Treehouse is not the only food maker facing a drop in shares. Campbell Soup, Dean Foods and H.J. Heinz all saw their stocks fall by a minimum of 2%. Blaming a mild winter for a drop in demand for some items, Treehouse said December unit volumes fell 8.8% for soup, 4.7% for non-dairy creamers and 4.6% for hot cereal. For the last 12 weeks of 2011, Treehouse said private label sales slipped 1.7%, while brand name food volumes declined 5.3%. "We are disappointed in our finish to the year, especially after engineering a mid-year recovery in our private label revenues and margins. Our turnaround was derailed by a sudden drop in volume that affected Treehouse and the whole of the packaged foods industry," Treehouse Chief Executive Sam Reed said in a statement.

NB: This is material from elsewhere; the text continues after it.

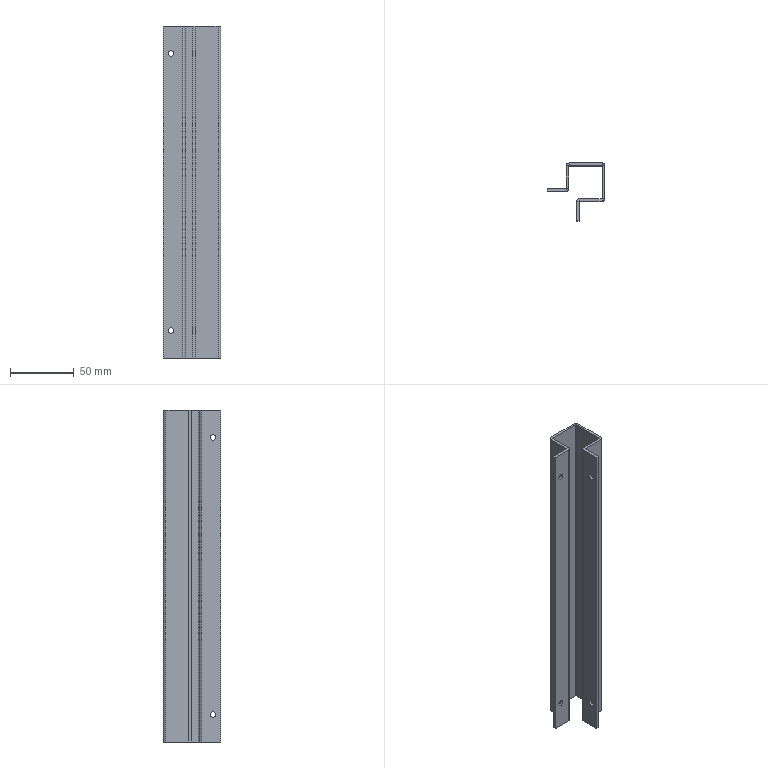Component | SolidWorks | Cover1-2XG1-1 | 1 solid | 54 faces | volume 65277 mm3 | plane 36 | cylinder 18 | commonest cylinder face diameters 4.2 x8 4.1 x5 0.1 x5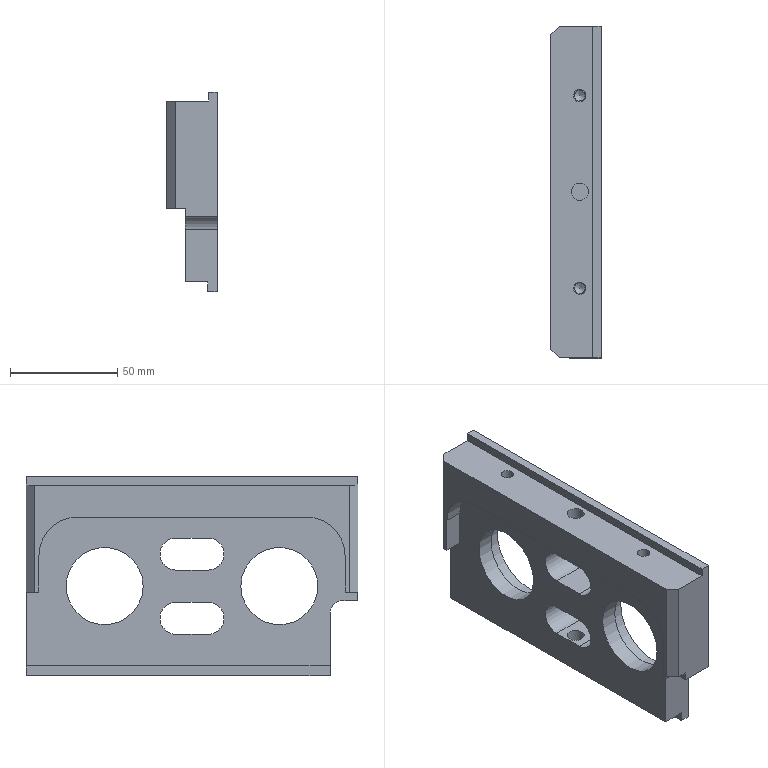Component | NX | LEFT_SIDE_PLATE | 1 solid | 55 faces | volume 168440 mm3 | plane 30 | cylinder 21 | cone 4 | commonest cylinder face diameters 15 x4 36 x4 5.795 x4 5 x4 42 x2 8 x2 12 x1

Shares of Treehouse Foods (THS) finished the week at $56.76
The Dow started the week at 12,422 and closed at 12,720. The S&P 500 started the week at 1,289 and ended at 1,315. The NASDAQ started the week at 2,711 and finished at 2,787.
Bond Yields Up Slightly
Treasury prices trended down on Friday, pushing the yield on 10-year notes to 2%. Traders are optimistic that Greek officials will announce an agreement on losses with bondholders sometime during the session. Yields on 10-year notes that move inversely to prices, gained 5 basis points to 2.04%. The 10-year note has not finished a week with a yield above 2% since late 2011. The yield on thirty-year bonds rose 6 basis points to 3.11%. For the week, 10-year yields have increased from 1.85%, almost perfectly reversing last week's gains. Thirty-year yields are up from 2.90% a week ago.
While yields are up slightly, most analysts do not anticipate any major gains until positive news regarding European debt generally and Greek austerity measures particularly are further addressed. "The near-term skew of risks remains bearishly postured for Treasuries after yesterday's sell-off," said strategists at RBS Securities in a Marketwatch.com interview.
30-Year Mortgage Rates Hit New Lows
Freddie Mac released its weekly Primary Mortgage Market Survey results showing average mortgage rates changing only slightly amid mixed economic data. However, the 30-year fixed-rate mortgage (FRM) fell to another record low, averaging 3.88%, marking the seventh consecutive week below 4.00%. Last week the 30-year FRM averaged 3.89%. Last year at this time, the 30-year FRM averaged 4.74%. The 15-year FRM this week averaged 3.17% with an average 0.8 point, up from last week when it averaged 3.16%. A year ago at this time, the 15-year FRM averaged 4.05%.
"Mortgage rates were nearly unchanged this holiday week in lieu of a mixed bag of economic data reports," said Frank Nothaft, Freddie Mac's Vice President and Chief Economist. "On the consumer front, retail sales edged up only 0.1% in December, but the Reuters/University of Michigan sentiment index continued to climb in January to the highest reading since February 2011. On the business side, industrial production rose 0.4% in December, slightly below the market consensus forecast and the core producer price index rose faster than market expectations. Finally, on the home construction front, builder confidence rose for the fourth consecutive month in January to the highest level since June 2007."
The money market fund finished this week at 0.50%. The 1-year CD finished at 0.70%.